Il y a plusieurs semaines de cela, je suis partie pour le travail aux Etats-Unis et plus particulièrement à New York. Je ne cacherais pas que j’étais complétement excitée quand on m’a annoncé qu’on partait.
Si j’avais déjà fait la Californie et Chicago plus jeune, je n’avais jamais mis les pieds à New York et cette grosse pomme faisait partie des destinations ou j’avais très envie d’aller.
Avec mes collègues, nous avons posé quelques jours en plus pour pouvoir profiter de 4 jours de promenade dans la ville. Camille ; ayant déjà eu la chance de visiter la ville ; nous avait programmé un petit périple pour en voir le maximum dans un minimum de temps.

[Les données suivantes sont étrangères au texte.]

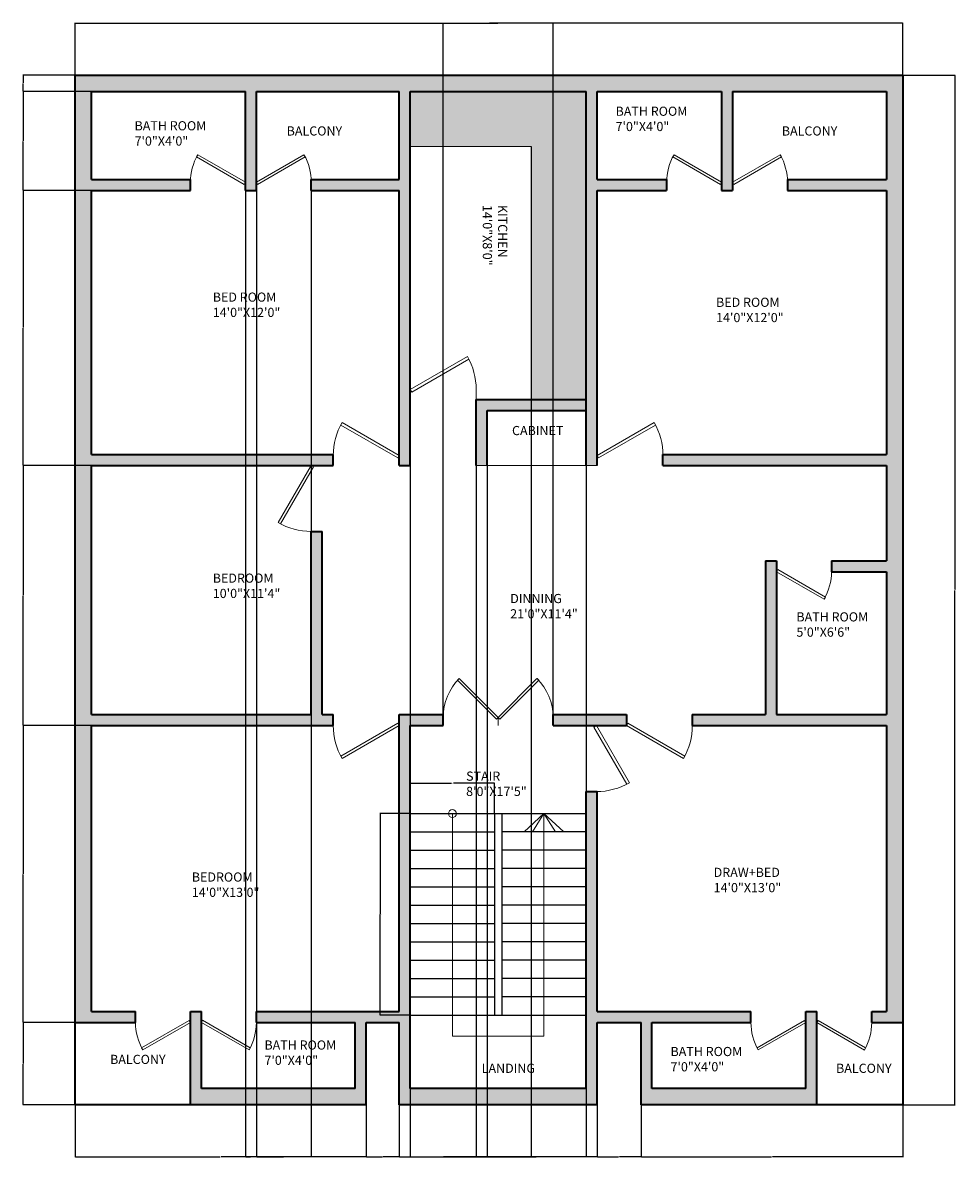
# Model space of a CAD drawing. Units: feet. Extents: x 3441 to 3951, y 1231 to 1850.
import ezdxf

# ---------------------------------------------------------------- set-up
doc = ezdxf.new("R2010")
doc.units = ezdxf.units.FT
for name, color, linetype, lineweight in [('A-ANNO-DIMS', 2, 'Continuous', 18), ('A-ANNO-SYMB', 130, 'Continuous', 13), ('A-AREA-IDEN', 170, 'Continuous', 18), ('A-FLOR-CASE', 7, 'Continuous', 18), ('A-FLOR-CASE-PATT', 8, 'Continuous', 13), ('A-WALL', 7, 'Continuous', 35), ('DOOR', 119, 'Continuous', 18), ('STAIR CASE', 130, 'Continuous', 25)]:
    doc.layers.add(name, color=color, linetype=linetype, lineweight=lineweight)
doc.layers.add('A-WALL-PATT', color=244, linetype='Continuous', lineweight=13, true_color=0x991b1e)
doc.styles.get("Standard").update_dxf_attribs({"font": 'arial.ttf'})
doc.dimstyles.get("Standard").update_dxf_attribs({"dimtxt": 0.18, "dimasz": 0.18, "dimexe": 0.18, "dimexo": 0.0625, "dimgap": 0.09, "dimtad": 0, "dimtih": 1, "dimtoh": 1, "dimdec": 4, "dimzin": 0, "dimdsep": 46, "dimtxsty": 'Standard', "dimcen": 0.09, "dimadec": 0, "dimazin": 0, "dimtfac": 1, "dimtdec": 4, "dimtofl": 0, "dimtmove": 0, "dimatfit": 3, "dimfxl": 1, "dimtolj": 1, "dimtzin": 0, "dimarcsym": 0})

# ---------------------------------------------------------------- blocks, each defined once
blk = doc.blocks.new('*U5')
for p, q in [((0, 0), (0, -6)), ((40, 0), (40, -6))]:
    blk.add_line(p, q)
blk.add_lwpolyline([(0, 0), (34.64, 20), (35.52, 18.48), (0.87, -1.52)], close=True)
blk.add_arc((0, 0), 40, 0, 30)
blk = doc.blocks.new('*U6')
for p, q in [((0, 0), (0, -6)), ((-40, 0), (-40, -6))]:
    blk.add_line(p, q)
blk.add_lwpolyline([(0, 0), (-34.64, 20), (-35.52, 18.48), (-0.88, -1.52)], close=True)
blk.add_arc((0, 0), 40, 150, 180)
blk = doc.blocks.new('*U4')
for p, q in [((0, 0), (0, -6)), ((-40, 0), (-40, -6))]:
    blk.add_line(p, q)
blk.add_lwpolyline([(0, 0), (-34.64, 20), (-35.52, 18.48), (-0.88, -1.52)], close=True)
blk.add_arc((0, 0), 40, 150, 180)
blk = doc.blocks.new('*U3')
for p, q in [((-40, 0), (-40, 6)), ((0, 0), (0, 6))]:
    blk.add_line(p, q)
blk.add_lwpolyline([(0, 0), (-34.64, -20), (-35.52, -18.48), (-0.87, 1.52)], close=True)
blk.add_arc((0, 0), 40, 180, 210)
blk = doc.blocks.new('*U2')
for p, q in [((0, 0), (0, 6)), ((40, 0), (40, 6))]:
    blk.add_line(p, q)
blk.add_lwpolyline([(0, 0), (34.64, -20), (35.52, -18.48), (0.87, 1.52)], close=True)
blk.add_arc((0, 0), 40, 330, 0)
blk = doc.blocks.new('*U7')
for p, q in [((0, 0), (0, 6)), ((40, 0), (40, 6))]:
    blk.add_line(p, q)
blk.add_lwpolyline([(0, 0), (34.64, -20), (35.52, -18.48), (0.87, 1.52)], close=True)
blk.add_arc((0, 0), 40, 330, 0)
blk = doc.blocks.new('*U9')
for p, q in [((-40, 0), (-40, 6)), ((0, 0), (0, 6))]:
    blk.add_line(p, q)
blk.add_lwpolyline([(0, 0), (-34.64, -20), (-35.52, -18.48), (-0.88, 1.52)], close=True)
blk.add_arc((0, 0), 40, 180, 210)
blk = doc.blocks.new('*U8')
for p, q in [((0, 0), (0, -6)), ((-40, 0), (-40, -6))]:
    blk.add_line(p, q)
blk.add_lwpolyline([(0, 0), (-34.64, 20), (-35.52, 18.48), (-0.88, -1.52)], close=True)
blk.add_arc((0, 0), 40, 150, 180)
blk = doc.blocks.new('*U10')
for p, q in [((0, 0), (0, -6)), ((40, 0), (40, -6))]:
    blk.add_line(p, q)
blk.add_lwpolyline([(0, 0), (28.28, 28.28), (29.52, 27.05), (1.24, -1.24)], close=True)
blk.add_arc((0, 0), 40, 0, 45)
blk = doc.blocks.new('STAIR-FLIGHT-46IN')
for p, q in [((46, 110), (46, 0)), ((0, 100), (46, 100)), ((0, 90), (46, 90)), ((0, 80), (46, 80)), ((0, 70), (46, 70)), ((0, 60), (46, 60)), ((0, 50), (46, 50)), ((0, 40), (46, 40)), ((0, 30), (46, 30)), ((0, 20), (46, 20)), ((0, 20), (46, 20)), ((0, 10), (46, 10))]:
    blk.add_line(p, q)
blk = doc.blocks.new('*D12')
at = {"layer": 'A-ANNO-DIMS', "color": 0, "lineweight": -2, "transparency": 16777216}
for p, q in [((3652.89, 1418.79), (3636.27, 1418.79)), ((3636.45, 1418.61), (3636.45, 1363.97)), ((3636.45, 1308.97), (3636.45, 1363.6)), ((3652.89, 1308.79), (3636.27, 1308.79))]:
    blk.add_line(p, q, dxfattribs=at)
at = {"layer": 'A-ANNO-DIMS', "color": 0, "transparency": 16777216}
for points in [[(3636.42, 1418.61), (3636.48, 1418.61), (3636.45, 1418.79)], [(3636.42, 1308.97), (3636.48, 1308.97), (3636.45, 1308.79)]]:
    blk.add_solid(points, dxfattribs=at)
at = {"layer": 'Defpoints', "color": 0, "transparency": 16777216}
for p in [(3636.45, 1418.79), (3652.95, 1418.79), (3652.95, 1308.79)]:
    blk.add_point(p, dxfattribs=at)
at = {"layer": 'A-ANNO-DIMS', "color": 0, "transparency": 16777216, "insert": (3636.45, 1363.79), "char_height": 0.18, "attachment_point": 5}
blk.add_mtext('\\A1;FLIGHT 110 TYP.', dxfattribs=at)
blk = doc.blocks.new('*D13')
at = {"layer": 'A-ANNO-DIMS', "color": 0, "lineweight": -2, "transparency": 16777216}
for p, q in [((3652.95, 1418.85), (3652.95, 1435.47)), ((3653.13, 1435.29), (3675.42, 1435.29)), ((3698.77, 1435.29), (3676.49, 1435.29)), ((3698.95, 1418.85), (3698.95, 1435.47))]:
    blk.add_line(p, q, dxfattribs=at)
at = {"layer": 'A-ANNO-DIMS', "color": 0, "transparency": 16777216}
for points in [[(3653.13, 1435.32), (3653.13, 1435.26), (3652.95, 1435.29)], [(3698.77, 1435.32), (3698.77, 1435.26), (3698.95, 1435.29)]]:
    blk.add_solid(points, dxfattribs=at)
at = {"layer": 'Defpoints', "color": 0, "transparency": 16777216}
for p in [(3698.95, 1435.29), (3652.95, 1418.79), (3698.95, 1418.79)]:
    blk.add_point(p, dxfattribs=at)
at = {"layer": 'A-ANNO-DIMS', "color": 0, "transparency": 16777216, "insert": (3675.95, 1435.29), "char_height": 0.18, "attachment_point": 5}
blk.add_mtext('\\A1;46 TYP.', dxfattribs=at)
blk = doc.blocks.new('*D14')
at = {"layer": 'A-ANNO-DIMS', "color": 0, "lineweight": -2, "transparency": 16777216}
for p, q in [((3469.95, 1821.85), (3469.95, 1850.37)), ((3470.13, 1850.19), (3695.66, 1850.19)), ((3921.77, 1850.19), (3696.25, 1850.19)), ((3921.95, 1821.85), (3921.95, 1850.37))]:
    blk.add_line(p, q, dxfattribs=at)
at = {"layer": 'A-ANNO-DIMS', "color": 0, "transparency": 16777216}
for points in [[(3470.13, 1850.22), (3470.13, 1850.16), (3469.95, 1850.19)], [(3921.77, 1850.22), (3921.77, 1850.16), (3921.95, 1850.19)]]:
    blk.add_solid(points, dxfattribs=at)
at = {"layer": 'Defpoints', "color": 0, "transparency": 16777216}
for p in [(3921.95, 1850.19), (3469.95, 1821.79), (3921.95, 1821.79)]:
    blk.add_point(p, dxfattribs=at)
at = {"layer": 'A-ANNO-DIMS', "color": 0, "transparency": 16777216, "insert": (3695.95, 1850.19), "char_height": 0.18, "attachment_point": 5}
blk.add_mtext('\\A1;452', dxfattribs=at)
blk = doc.blocks.new('*D15')
at = {"layer": 'A-ANNO-DIMS', "color": 0, "lineweight": -2, "transparency": 16777216}
for p, q in [((3922.02, 1821.79), (3950.53, 1821.79)), ((3950.35, 1821.61), (3950.35, 1540.97)), ((3950.35, 1259.97), (3950.35, 1540.6)), ((3922.02, 1259.79), (3950.53, 1259.79))]:
    blk.add_line(p, q, dxfattribs=at)
at = {"layer": 'A-ANNO-DIMS', "color": 0, "transparency": 16777216}
for points in [[(3950.32, 1821.61), (3950.38, 1821.61), (3950.35, 1821.79)], [(3950.32, 1259.97), (3950.38, 1259.97), (3950.35, 1259.79)]]:
    blk.add_solid(points, dxfattribs=at)
at = {"layer": 'Defpoints', "color": 0, "transparency": 16777216}
for p in [(3921.95, 1821.79), (3950.35, 1821.79), (3921.95, 1259.79)]:
    blk.add_point(p, dxfattribs=at)
at = {"layer": 'A-ANNO-DIMS', "color": 0, "transparency": 16777216, "insert": (3950.35, 1540.79), "char_height": 0.18, "attachment_point": 5}
blk.add_mtext('\\A1;562', dxfattribs=at)
blk = doc.blocks.new('*D16')
at = {"layer": 'A-ANNO-DIMS', "color": 0, "lineweight": -2, "transparency": 16777216}
for p, q in [((3469.95, 1259.72), (3469.95, 1231.21)), ((3628.95, 1259.72), (3628.95, 1231.21)), ((3470.13, 1231.39), (3549.17, 1231.39)), ((3628.77, 1231.39), (3549.73, 1231.39))]:
    blk.add_line(p, q, dxfattribs=at)
at = {"layer": 'A-ANNO-DIMS', "color": 0, "transparency": 16777216}
for points in [[(3470.13, 1231.42), (3470.13, 1231.36), (3469.95, 1231.39)], [(3628.77, 1231.42), (3628.77, 1231.36), (3628.95, 1231.39)]]:
    blk.add_solid(points, dxfattribs=at)
at = {"layer": 'Defpoints', "color": 0, "transparency": 16777216}
for p in [(3469.95, 1259.79), (3628.95, 1259.79), (3628.95, 1231.39)]:
    blk.add_point(p, dxfattribs=at)
at = {"layer": 'A-ANNO-DIMS', "color": 0, "transparency": 16777216, "insert": (3549.45, 1231.39), "char_height": 0.18, "attachment_point": 5}
blk.add_mtext('\\A1;159', dxfattribs=at)
blk = doc.blocks.new('*D17')
at = {"layer": 'A-ANNO-DIMS', "color": 0, "lineweight": -2, "transparency": 16777216}
for p, q in [((3628.95, 1259.72), (3628.95, 1231.21)), ((3646.95, 1259.72), (3646.95, 1231.21)), ((3629.13, 1231.39), (3637.74, 1231.39)), ((3646.77, 1231.39), (3638.16, 1231.39))]:
    blk.add_line(p, q, dxfattribs=at)
at = {"layer": 'A-ANNO-DIMS', "color": 0, "transparency": 16777216}
for points in [[(3629.13, 1231.42), (3629.13, 1231.36), (3628.95, 1231.39)], [(3646.77, 1231.42), (3646.77, 1231.36), (3646.95, 1231.39)]]:
    blk.add_solid(points, dxfattribs=at)
at = {"layer": 'Defpoints', "color": 0, "transparency": 16777216}
for p in [(3628.95, 1259.79), (3646.95, 1259.79), (3646.95, 1231.39)]:
    blk.add_point(p, dxfattribs=at)
at = {"layer": 'A-ANNO-DIMS', "color": 0, "transparency": 16777216, "insert": (3637.95, 1231.39), "char_height": 0.18, "attachment_point": 5}
blk.add_mtext('\\A1;18', dxfattribs=at)
blk = doc.blocks.new('*D18')
at = {"layer": 'A-ANNO-DIMS', "color": 0, "lineweight": -2, "transparency": 16777216}
for p, q in [((3646.95, 1259.72), (3646.95, 1231.21)), ((3754.95, 1259.72), (3754.95, 1231.21)), ((3647.13, 1231.39), (3700.67, 1231.39)), ((3754.77, 1231.39), (3701.23, 1231.39))]:
    blk.add_line(p, q, dxfattribs=at)
at = {"layer": 'A-ANNO-DIMS', "color": 0, "transparency": 16777216}
for points in [[(3647.13, 1231.42), (3647.13, 1231.36), (3646.95, 1231.39)], [(3754.77, 1231.42), (3754.77, 1231.36), (3754.95, 1231.39)]]:
    blk.add_solid(points, dxfattribs=at)
at = {"layer": 'Defpoints', "color": 0, "transparency": 16777216}
for p in [(3646.95, 1259.79), (3754.95, 1259.79), (3754.95, 1231.39)]:
    blk.add_point(p, dxfattribs=at)
at = {"layer": 'A-ANNO-DIMS', "color": 0, "transparency": 16777216, "insert": (3700.95, 1231.39), "char_height": 0.18, "attachment_point": 5}
blk.add_mtext('\\A1;108', dxfattribs=at)
blk = doc.blocks.new('*D19')
at = {"layer": 'A-ANNO-DIMS', "color": 0, "lineweight": -2, "transparency": 16777216}
for p, q in [((3754.95, 1259.72), (3754.95, 1231.21)), ((3778.95, 1259.72), (3778.95, 1231.21)), ((3755.13, 1231.39), (3766.73, 1231.39)), ((3778.77, 1231.39), (3767.17, 1231.39))]:
    blk.add_line(p, q, dxfattribs=at)
at = {"layer": 'A-ANNO-DIMS', "color": 0, "transparency": 16777216}
for points in [[(3755.13, 1231.42), (3755.13, 1231.36), (3754.95, 1231.39)], [(3778.77, 1231.42), (3778.77, 1231.36), (3778.95, 1231.39)]]:
    blk.add_solid(points, dxfattribs=at)
at = {"layer": 'Defpoints', "color": 0, "transparency": 16777216}
for p in [(3754.95, 1259.79), (3778.95, 1259.79), (3778.95, 1231.39)]:
    blk.add_point(p, dxfattribs=at)
at = {"layer": 'A-ANNO-DIMS', "color": 0, "transparency": 16777216, "insert": (3766.95, 1231.39), "char_height": 0.18, "attachment_point": 5}
blk.add_mtext('\\A1;24', dxfattribs=at)
blk = doc.blocks.new('*D20')
at = {"layer": 'A-ANNO-DIMS', "color": 0, "lineweight": -2, "transparency": 16777216}
for p, q in [((3778.95, 1259.72), (3778.95, 1231.21)), ((3921.95, 1259.72), (3921.95, 1231.21)), ((3779.13, 1231.39), (3850.17, 1231.39)), ((3921.77, 1231.39), (3850.73, 1231.39))]:
    blk.add_line(p, q, dxfattribs=at)
at = {"layer": 'A-ANNO-DIMS', "color": 0, "transparency": 16777216}
for points in [[(3779.13, 1231.42), (3779.13, 1231.36), (3778.95, 1231.39)], [(3921.77, 1231.42), (3921.77, 1231.36), (3921.95, 1231.39)]]:
    blk.add_solid(points, dxfattribs=at)
at = {"layer": 'Defpoints', "color": 0, "transparency": 16777216}
for p in [(3778.95, 1259.79), (3921.95, 1259.79), (3921.95, 1231.39)]:
    blk.add_point(p, dxfattribs=at)
at = {"layer": 'A-ANNO-DIMS', "color": 0, "transparency": 16777216, "insert": (3850.45, 1231.39), "char_height": 0.18, "attachment_point": 5}
blk.add_mtext('\\A1;143', dxfattribs=at)
blk = doc.blocks.new('*D21')
at = {"layer": 'A-ANNO-DIMS', "color": 0, "lineweight": -2, "transparency": 16777216}
for p, q in [((3469.89, 1304.79), (3441.37, 1304.79)), ((3441.55, 1304.61), (3441.55, 1282.47)), ((3441.55, 1259.97), (3441.55, 1282.1)), ((3469.89, 1259.79), (3441.37, 1259.79))]:
    blk.add_line(p, q, dxfattribs=at)
at = {"layer": 'A-ANNO-DIMS', "color": 0, "transparency": 16777216}
for points in [[(3441.52, 1304.61), (3441.58, 1304.61), (3441.55, 1304.79)], [(3441.52, 1259.97), (3441.58, 1259.97), (3441.55, 1259.79)]]:
    blk.add_solid(points, dxfattribs=at)
at = {"layer": 'Defpoints', "color": 0, "transparency": 16777216}
for p in [(3441.55, 1304.79), (3469.95, 1304.79), (3469.95, 1259.79)]:
    blk.add_point(p, dxfattribs=at)
at = {"layer": 'A-ANNO-DIMS', "color": 0, "transparency": 16777216, "insert": (3441.55, 1282.29), "char_height": 0.18, "attachment_point": 5}
blk.add_mtext('\\A1;45', dxfattribs=at)
blk = doc.blocks.new('*D22')
at = {"layer": 'A-ANNO-DIMS', "color": 0, "lineweight": -2, "transparency": 16777216}
for p, q in [((3478.89, 1466.79), (3441.37, 1466.79)), ((3441.55, 1466.61), (3441.55, 1385.97)), ((3441.55, 1304.97), (3441.55, 1385.6)), ((3469.89, 1304.79), (3441.37, 1304.79))]:
    blk.add_line(p, q, dxfattribs=at)
at = {"layer": 'A-ANNO-DIMS', "color": 0, "transparency": 16777216}
for points in [[(3441.52, 1466.61), (3441.58, 1466.61), (3441.55, 1466.79)], [(3441.52, 1304.97), (3441.58, 1304.97), (3441.55, 1304.79)]]:
    blk.add_solid(points, dxfattribs=at)
at = {"layer": 'Defpoints', "color": 0, "transparency": 16777216}
for p in [(3441.55, 1466.79), (3478.95, 1466.79), (3469.95, 1304.79)]:
    blk.add_point(p, dxfattribs=at)
at = {"layer": 'A-ANNO-DIMS', "color": 0, "transparency": 16777216, "insert": (3441.55, 1385.79), "char_height": 0.18, "attachment_point": 5}
blk.add_mtext('\\A1;162', dxfattribs=at)
blk = doc.blocks.new('*D23')
at = {"layer": 'A-ANNO-DIMS', "color": 0, "lineweight": -2, "transparency": 16777216}
for p, q in [((3478.89, 1608.79), (3441.37, 1608.79)), ((3441.55, 1608.61), (3441.55, 1537.97)), ((3441.55, 1466.97), (3441.55, 1537.61)), ((3478.89, 1466.79), (3441.37, 1466.79))]:
    blk.add_line(p, q, dxfattribs=at)
at = {"layer": 'A-ANNO-DIMS', "color": 0, "transparency": 16777216}
for points in [[(3441.52, 1608.61), (3441.58, 1608.61), (3441.55, 1608.79)], [(3441.52, 1466.97), (3441.58, 1466.97), (3441.55, 1466.79)]]:
    blk.add_solid(points, dxfattribs=at)
at = {"layer": 'Defpoints', "color": 0, "transparency": 16777216}
for p in [(3441.55, 1608.79), (3478.95, 1608.79), (3478.95, 1466.79)]:
    blk.add_point(p, dxfattribs=at)
at = {"layer": 'A-ANNO-DIMS', "color": 0, "transparency": 16777216, "insert": (3441.55, 1537.79), "char_height": 0.18, "attachment_point": 5}
blk.add_mtext('\\A1;142', dxfattribs=at)
blk = doc.blocks.new('*D24')
at = {"layer": 'A-ANNO-DIMS', "color": 0, "lineweight": -2, "transparency": 16777216}
for p, q in [((3478.89, 1758.79), (3441.37, 1758.79)), ((3441.55, 1758.61), (3441.55, 1683.97)), ((3441.55, 1608.97), (3441.55, 1683.6)), ((3478.89, 1608.79), (3441.37, 1608.79))]:
    blk.add_line(p, q, dxfattribs=at)
at = {"layer": 'A-ANNO-DIMS', "color": 0, "transparency": 16777216}
for points in [[(3441.52, 1758.61), (3441.58, 1758.61), (3441.55, 1758.79)], [(3441.52, 1608.97), (3441.58, 1608.97), (3441.55, 1608.79)]]:
    blk.add_solid(points, dxfattribs=at)
at = {"layer": 'Defpoints', "color": 0, "transparency": 16777216}
for p in [(3441.55, 1758.79), (3478.95, 1758.79), (3478.95, 1608.79)]:
    blk.add_point(p, dxfattribs=at)
at = {"layer": 'A-ANNO-DIMS', "color": 0, "transparency": 16777216, "insert": (3441.55, 1683.79), "char_height": 0.18, "attachment_point": 5}
blk.add_mtext('\\A1;150', dxfattribs=at)
blk = doc.blocks.new('*D25')
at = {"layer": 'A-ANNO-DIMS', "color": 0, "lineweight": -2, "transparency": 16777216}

Et alors, c’est comment ? Et bien, c’est assez particulier et j’en garde un sentiment plutôt partagé. La ville m’a fait un effet de montagne russe : c’était parfois complétement fou et parfois juste bof (et parfois très sale). A force de voir cette ville à la télé, dans les séries ou au cinéma, j’avais l’impression de la connaître déjà par cœur alors que je n’y avais jamais été de ma vie. Du coup, le côté whooooaaa et les paillettes dans les yeux, je ne l’ai pas vraiment ressenti et ce manque de super excitation et de surprise m’a laissé sur ma faim.
C’est sans doute aussi lié au fait que plus ça va et moins j’aime la foule. Et on ne peut difficilement l’éviter à Manhattan ou dans les lieux les plus touristiques.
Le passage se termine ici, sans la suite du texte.